As governments spend massively to revive economies, a huge battle has emerged around whether the economic recovery should also achieve other goals, particularly cutting the emissions that cause climate change. Those advocating green spending say the $10 trillion that governments have already committed to stimulus should be just the beginning, and an even bigger pile of cash is now needed for expansive “green new deals.”
In most countries, the political forces are blowing against green recovery. Distant, abstract goals like global warming have fallen far down the list of priorities while paychecks and health loom much larger than they did six months ago. Some have actually relaxed pollution control standards and will take growth at any cost. While there are many policies that could deliver economic growth and lower emissions, most of them don’t work quickly — and thus don’t deliver what most citizens expect from government today. With global markets and societies in chaos, our ability to forecast has gone down; risks for investors in long-lived technologies, which is most of what’s needed for deep decarbonization, have gone up. Unlike the last financial crisis, when nations spent up to 15 percent of their stimulus money on clean energy, few have such forward-looking plans this time.
Europe, however, is the exception. There, the European Green Deal — a $1.1 trillion climate-focused infrastructure and decarbonization plan that had been cooked up before the pandemic — looks set to get even bigger now. Why? Because for decades the problem of climate change has gone mainstream in Europe. Outside of a few places (e.g., coal-burning Poland) and a few political stripes (e.g., populist nationalists) every major political party, left and right, has embraced climate as a core goal. As the U.S. government has waxed and waned on enthusiasm for climate policy (right now, we are in the Dark Ages), Europe has always been supportive. Now is Europe’s moment to use that leadership to change the world.

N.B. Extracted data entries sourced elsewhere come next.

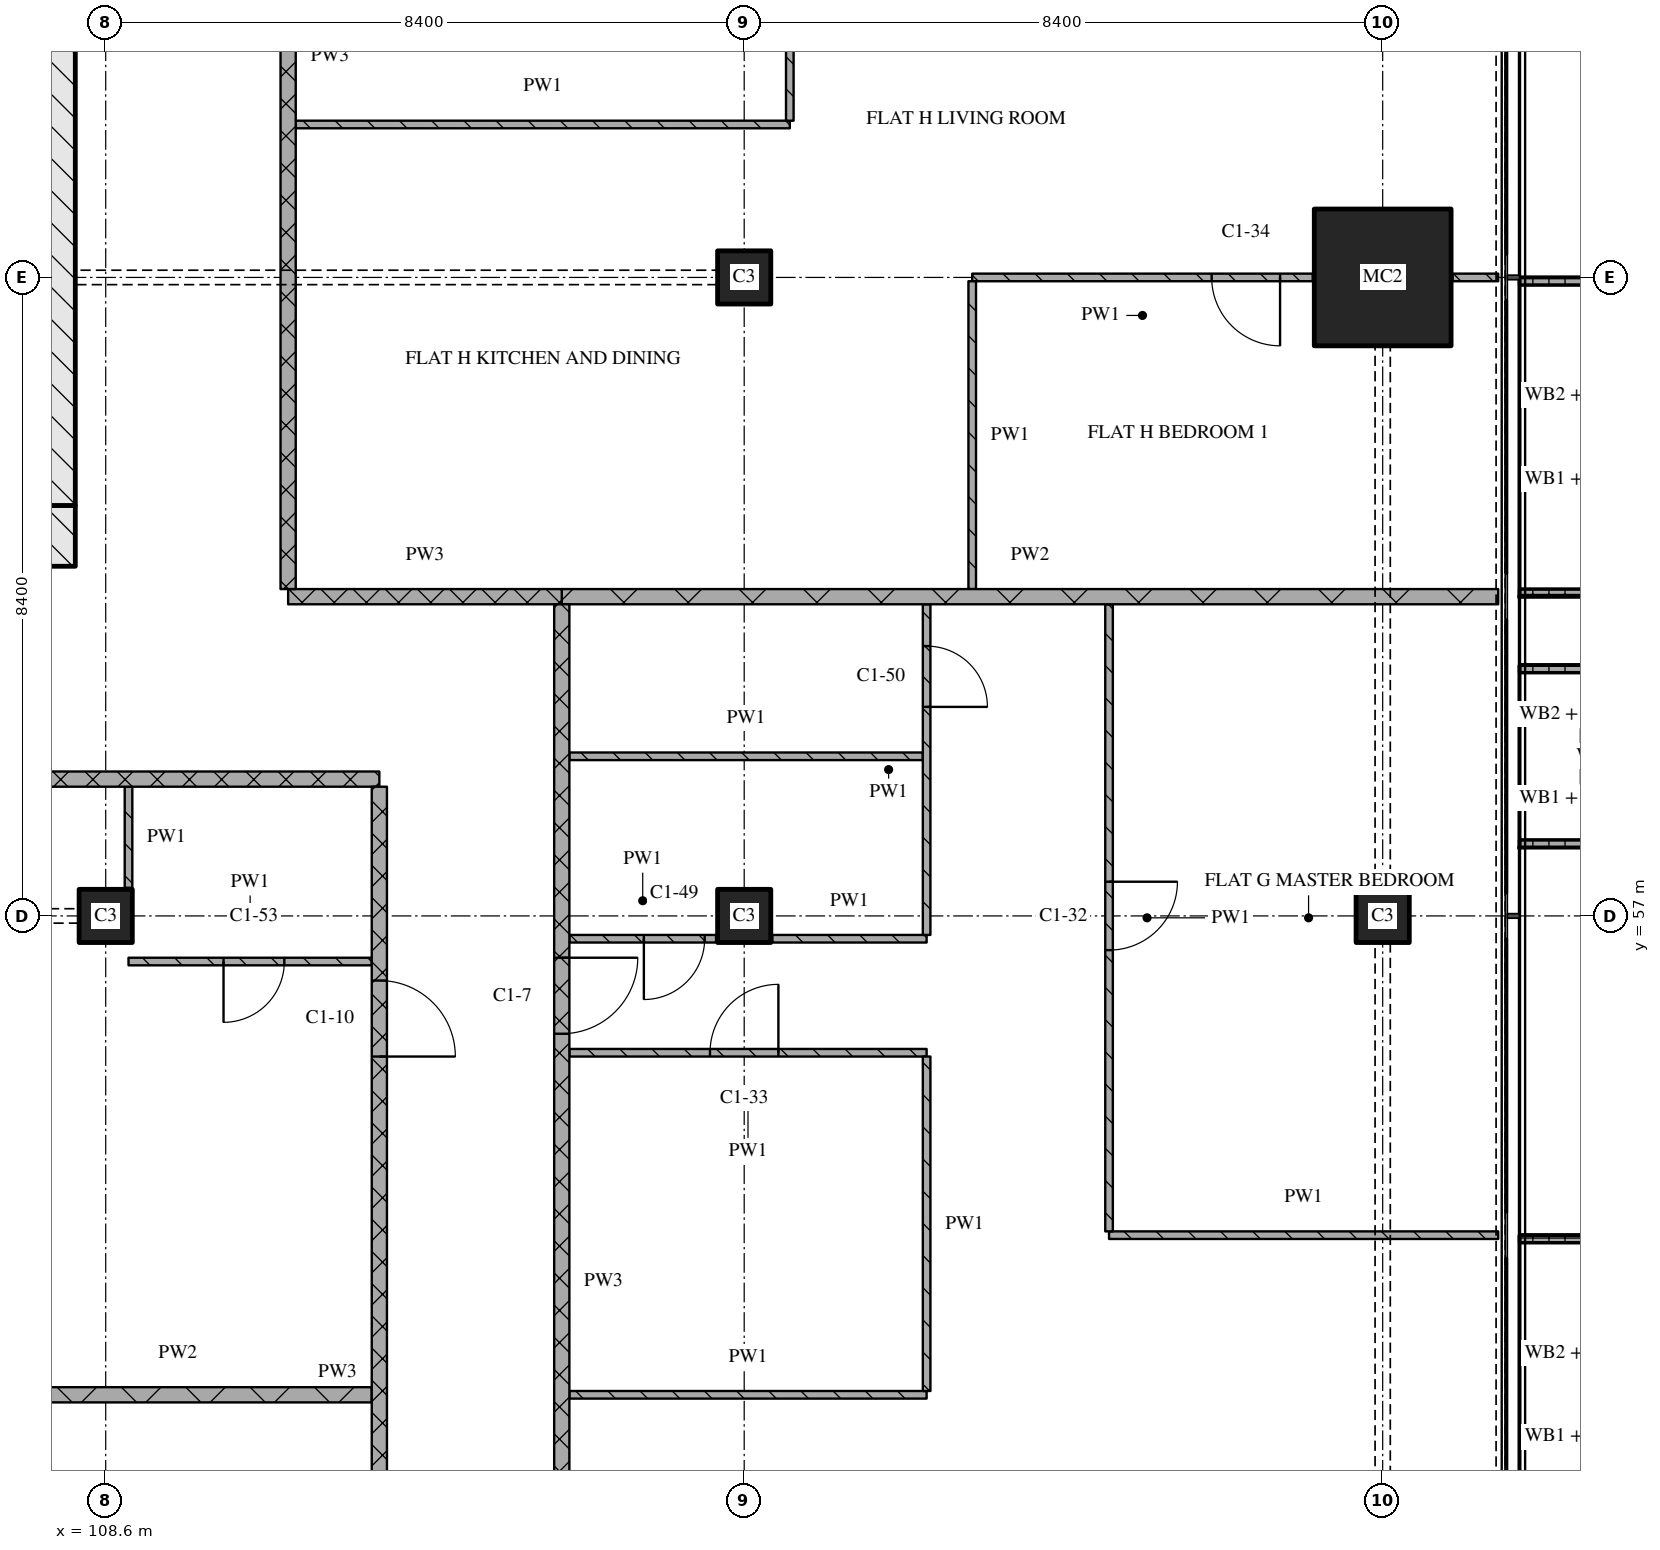
"""IFC4 building model, lengths in metres.
Left out: names, types, materials, properties, quantities, classifications, styles, units other than length and angle.
Written with IfcOpenShell. Run it as: python <this file> out.ifc"""

import sys

from ifc_helpers import new_model, si_unit, direction, frame, frame_2d, origin, origin_2d, place, context, subcontext, project, spatial, polyline, rectangle, outline, extrude, element, fill, save


model = new_model("IFC4")
c1 = context("Model", 3, precision=1e-05, world=origin(), true_north=direction((0.0, 1.0)))
c2 = subcontext(c1, "Body", "Model", "MODEL_VIEW")
j1 = project(units=[si_unit("LENGTHUNIT", "METRE"), si_unit("PLANEANGLEUNIT", "RADIAN")], contexts=[c1])
p1 = place(None, origin())
s1 = spatial("IfcSite", under=j1, at=p1, CompositionType="ELEMENT")
p2 = place(p1, origin())
s2 = spatial("IfcBuilding", under=s1, at=p2, CompositionType="ELEMENT")
p3 = place(p2, frame((0.0, 0.0, 154.65)))
s3 = spatial("IfcBuildingStorey", under=s2, at=p3, CompositionType="ELEMENT", Elevation=154.65)
for number, where, z_axis, x_axis in (
    (1, (108.6, 57.0, 0.0), (0.0, 0.0, 1.0), (1.0, 0.0, 0.0)),
    (2, (117.0, 57.0, 0.0), (0.0, 0.0, 1.0), (1.0, 0.0, 0.0)),
    (3, (117.0, 65.4, 0.0), (0.0, 0.0, 1.0), (1.0, 0.0, 0.0)),
    (4, (125.4, 57.0, 0.0), (0.0, 0.0, 1.0), (1.0, 0.0, 0.0)),
):
    element("IfcColumn", number, at=place(p3, frame(where, z_axis=z_axis, x_axis=x_axis)), inside=s3, PredefinedType="COLUMN", context=c2, shape_type="SweptSolid", body=[
        extrude(rectangle(XDim=0.7, YDim=0.7, at=origin_2d()), origin(), (0.0, 0.0, 1.0), 3.6),
    ])
p4 = place(p3, frame((125.4, 65.4, 0.0), z_axis=(0.0, 0.0, 1.0), x_axis=(1.0, 0.0, 0.0)))
e5 = element("IfcColumn", 5, at=p4, inside=s3, PredefinedType="COLUMN", context=c2, shape_type="SweptSolid", body=[
    extrude(rectangle(XDim=1.8, YDim=1.8, at=origin_2d()), origin(), (0.0, 0.0, 1.0), 3.6),
])
p5 = place(p3, origin())
e6 = element("IfcWall", 6, at=p5, inside=s3, PredefinedType="SOLIDWALL", context=c2, shape_type="SweptSolid", body=[
    extrude(outline(polyline([(127.2, 48.6), (127.2, 48.7), (128.833, 48.7), (128.833, 52.7), (127.2, 52.7), (127.2, 52.8), (128.933, 52.8), (128.933, 48.6), (127.2, 48.6)])), origin(), (0.0, 0.0, 1.0), 1.0),
])
p6 = place(p3, origin())
e7 = element("IfcWall", 7, at=p6, inside=s3, PredefinedType="SOLIDWALL", context=c2, shape_type="SweptSolid", body=[
    extrude(outline(polyline([(127.2, 57.9), (127.2, 58.0), (128.7, 58.0), (128.7, 60.2), (127.2, 60.2), (127.2, 60.3), (128.8, 60.3), (128.8, 57.9), (127.2, 57.9)])), origin(), (0.0, 0.0, 1.0), 1.0),
])
p7 = place(p3, origin())
e8 = element("IfcWall", 8, at=p7, inside=s3, PredefinedType="SOLIDWALL", context=c2, shape_type="SweptSolid", body=[
    extrude(outline(polyline([(127.2, 61.2), (127.2, 61.3), (128.833, 61.3), (128.833, 65.3), (127.2, 65.3), (127.2, 65.4), (128.933, 65.4), (128.933, 61.2), (127.2, 61.2)])), origin(), (0.0, 0.0, 1.0), 1.0),
])
p8 = place(p3, frame((67.0, 62.0, 0.0), z_axis=(0.0, 0.0, 1.0), x_axis=(1.0, 0.0, 0.0)))
e9 = element("IfcWall", 9, at=p8, inside=s3, PredefinedType="SOLIDWALL", context=c2, shape_type="SweptSolid", body=[
    extrude(rectangle(XDim=41.2, YDim=0.8, at=frame_2d((20.6, 0.0))), origin(), (0.0, 0.0, 1.0), 3.32),
])
p9 = place(p8, frame((20.95, 0.0, 0.0)))
e10 = element("IfcOpeningElement", 10, at=p9, cuts=e9, PredefinedType="OPENING", context=c2, shape_type="SweptSolid", body=[
    extrude(rectangle(XDim=1.8, YDim=2.1, at=frame_2d((0.9, 1.05))), frame((0.0, 0.41, 0.0), z_axis=(0.0, -1.0, 0.0), x_axis=(1.0, 0.0, 0.0)), (0.0, 0.0, 1.0), 0.82),
])
p10 = place(p3, frame((107.8, 62.4, 0.0), z_axis=(0.0, 0.0, 1.0), x_axis=(0.0, 1.0, 0.0)))
e11 = element("IfcWall", 11, at=p10, inside=s3, PredefinedType="SOLIDWALL", context=c2, shape_type="SweptSolid", body=[
    extrude(rectangle(XDim=12.0, YDim=0.8, at=frame_2d((6.0, 0.0))), origin(), (0.0, 0.0, 1.0), 3.32),
])
p11 = place(p10, frame((6.45, 0.0, 0.0)))
e12 = element("IfcOpeningElement", 12, at=p11, cuts=e11, PredefinedType="OPENING", context=c2, shape_type="SweptSolid", body=[
    extrude(rectangle(XDim=1.2, YDim=2.1, at=frame_2d((0.6, 1.05))), frame((0.0, 0.41, 0.0), z_axis=(0.0, -1.0, 0.0), x_axis=(1.0, 0.0, 0.0)), (0.0, 0.0, 1.0), 0.82),
])
p12 = place(p3, frame((107.0, 50.7, 0.0), z_axis=(0.0, 0.0, 1.0), x_axis=(1.0, 0.0, 0.0)))
e13 = element("IfcWall", 13, at=p12, inside=s3, PredefinedType="PARTITIONING", context=c2, shape_type="SweptSolid", body=[
    extrude(rectangle(XDim=5.1, YDim=0.2, at=frame_2d((2.55, 0.0))), origin(), (0.0, 0.0, 1.0), 3.32),
])
p13 = place(p3, frame((114.7, 50.7, 0.0), z_axis=(0.0, 0.0, 1.0), x_axis=(1.0, 0.0, 0.0)))
e14 = element("IfcWall", 14, at=p13, inside=s3, PredefinedType="PARTITIONING", context=c2, shape_type="SweptSolid", body=[
    extrude(rectangle(XDim=4.7, YDim=0.1, at=frame_2d((2.35, 0.0))), origin(), (0.0, 0.0, 1.0), 3.32),
])
p14 = place(p3, frame((121.8, 52.8, 0.0), z_axis=(0.0, 0.0, 1.0), x_axis=(1.0, 0.0, 0.0)))
e15 = element("IfcWall", 15, at=p14, inside=s3, PredefinedType="PARTITIONING", context=c2, shape_type="SweptSolid", body=[
    extrude(rectangle(XDim=5.12, YDim=0.1, at=frame_2d((2.56, 0.0))), origin(), (0.0, 0.0, 1.0), 3.32),
])
p15 = place(p3, frame((119.4, 55.2, 0.0), z_axis=(0.0, 0.0, 1.0), x_axis=(-1.0, 0.0, 0.0)))
e16 = element("IfcWall", 16, at=p15, inside=s3, PredefinedType="PARTITIONING", context=c2, shape_type="SweptSolid", body=[
    extrude(rectangle(XDim=4.7, YDim=0.1, at=frame_2d((2.35, 0.0))), origin(), (0.0, 0.0, 1.0), 3.32),
])
p16 = place(p15, frame((1.95, 0.0, 0.0)))
e17 = element("IfcOpeningElement", 17, at=p16, cuts=e16, PredefinedType="OPENING", context=c2, shape_type="SweptSolid", body=[
    extrude(rectangle(XDim=0.9, YDim=2.1, at=frame_2d((0.45, 1.05))), frame((0.0, 0.06, 0.0), z_axis=(0.0, -1.0, 0.0), x_axis=(1.0, 0.0, 0.0)), (0.0, 0.0, 1.0), 0.12),
])
p17 = place(p3, frame((108.9, 56.4, 0.0), z_axis=(0.0, 0.0, 1.0), x_axis=(1.0, 0.0, 0.0)))
e18 = element("IfcWall", 18, at=p17, inside=s3, PredefinedType="PARTITIONING", context=c2, shape_type="SweptSolid", body=[
    extrude(rectangle(XDim=3.2, YDim=0.1, at=frame_2d((1.6, 0.0))), origin(), (0.0, 0.0, 1.0), 3.32),
])
p18 = place(p17, frame((1.25, 0.0, 0.0)))
e19 = element("IfcOpeningElement", 19, at=p18, cuts=e18, PredefinedType="OPENING", context=c2, shape_type="SweptSolid", body=[
    extrude(rectangle(XDim=0.8, YDim=2.1, at=frame_2d((0.4, 1.05))), frame((0.0, 0.06, 0.0), z_axis=(0.0, -1.0, 0.0), x_axis=(1.0, 0.0, 0.0)), (0.0, 0.0, 1.0), 0.12),
])
p19 = place(p3, frame((114.7, 56.7, 0.0), z_axis=(0.0, 0.0, 1.0), x_axis=(1.0, 0.0, 0.0)))
e20 = element("IfcWall", 20, at=p19, inside=s3, PredefinedType="PARTITIONING", context=c2, shape_type="SweptSolid", body=[
    extrude(rectangle(XDim=1.93, YDim=0.1, at=frame_2d((0.965, 0.0))), origin(), (0.0, 0.0, 1.0), 3.32),
])
p20 = place(p19, frame((0.98, 0.0, 0.0)))
e21 = element("IfcOpeningElement", 21, at=p20, cuts=e20, PredefinedType="OPENING", context=c2, shape_type="SweptSolid", body=[
    extrude(rectangle(XDim=0.8, YDim=2.1, at=frame_2d((0.4, 1.05))), frame((0.0, 0.06, 0.0), z_axis=(0.0, -1.0, 0.0), x_axis=(1.0, 0.0, 0.0)), (0.0, 0.0, 1.0), 0.12),
])
p21 = place(p3, frame((117.37, 56.7, 0.0), z_axis=(0.0, 0.0, 1.0), x_axis=(1.0, 0.0, 0.0)))
e22 = element("IfcWall", 22, at=p21, inside=s3, PredefinedType="PARTITIONING", context=c2, shape_type="SweptSolid", body=[
    extrude(rectangle(XDim=2.03, YDim=0.1, at=frame_2d((1.015, 0.0))), origin(), (0.0, 0.0, 1.0), 3.32),
])
p22 = place(p3, frame((101.4, 58.8, 0.0), z_axis=(0.0, 0.0, 1.0), x_axis=(1.0, 0.0, 0.0)))
e23 = element("IfcWall", 23, at=p22, inside=s3, PredefinedType="PARTITIONING", context=c2, shape_type="SweptSolid", body=[
    extrude(rectangle(XDim=10.8, YDim=0.2, at=frame_2d((5.4, 0.0))), origin(), (0.0, 0.0, 1.0), 3.32),
])
p23 = place(p3, frame((114.7, 59.1, 0.0), z_axis=(0.0, 0.0, 1.0), x_axis=(1.0, 0.0, 0.0)))
e24 = element("IfcWall", 24, at=p23, inside=s3, PredefinedType="PARTITIONING", context=c2, shape_type="SweptSolid", body=[
    extrude(rectangle(XDim=4.65, YDim=0.1, at=frame_2d((2.325, 0.0))), origin(), (0.0, 0.0, 1.0), 3.32),
])
p24 = place(p3, frame((111.0, 61.2, 0.0), z_axis=(0.0, 0.0, 1.0), x_axis=(1.0, 0.0, 0.0)))
e25 = element("IfcWall", 25, at=p24, inside=s3, PredefinedType="PARTITIONING", context=c2, shape_type="SweptSolid", body=[
    extrude(rectangle(XDim=3.6, YDim=0.2, at=frame_2d((1.8, 0.0))), origin(), (0.0, 0.0, 1.0), 3.32),
])
p25 = place(p3, frame((114.6, 61.2, 0.0), z_axis=(0.0, 0.0, 1.0), x_axis=(1.0, 0.0, 0.0)))
e26 = element("IfcWall", 26, at=p25, inside=s3, PredefinedType="PARTITIONING", context=c2, shape_type="SweptSolid", body=[
    extrude(rectangle(XDim=12.32, YDim=0.2, at=frame_2d((6.16, 0.0))), origin(), (0.0, 0.0, 1.0), 3.32),
])
p26 = place(p3, frame((124.48, 65.4, 0.0), z_axis=(0.0, 0.0, 1.0), x_axis=(-1.0, 0.0, 0.0)))
e27 = element("IfcWall", 27, at=p26, inside=s3, PredefinedType="PARTITIONING", context=c2, shape_type="SweptSolid", body=[
    extrude(rectangle(XDim=4.48, YDim=0.1, at=frame_2d((2.24, 0.0))), origin(), (0.0, 0.0, 1.0), 3.32),
])
p27 = place(p26, frame((0.43, 0.0, 0.0)))
e28 = element("IfcOpeningElement", 28, at=p27, cuts=e27, PredefinedType="OPENING", context=c2, shape_type="SweptSolid", body=[
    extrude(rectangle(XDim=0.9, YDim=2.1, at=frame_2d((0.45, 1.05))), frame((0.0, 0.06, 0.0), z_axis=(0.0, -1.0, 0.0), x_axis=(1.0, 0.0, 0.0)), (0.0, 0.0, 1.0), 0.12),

With political support at home, spending piles of money on deep decarbonization in Europe may prove to be the easy part. Much harder will be making sure global economies build back together. A hyper-green Europe will have little impact on the climate unless the better technology and business practices nurtured at home can spread widely to the places that cause most emissions. Only 9 percent of world emissions come from Europe, a share that has dropped steadily and will decline even faster the more Europe invests in weaning its economies off of fossil fuels. Leadership is great, but followership is what really matters for the climate because it is the total emissions from all over the planet that accumulate in the atmosphere and cause global warming.
The good news is that nearly all the key elements of a successful foreign policy strategy for building back together are in place in Europe.
Markets in Europe are already open to global competition, which will help make the whole world greener. For example, Europe has a highly competitive market for building renewable power — one that is anchored in global supply chains that allow the best systems to be purchased for the lowest cost.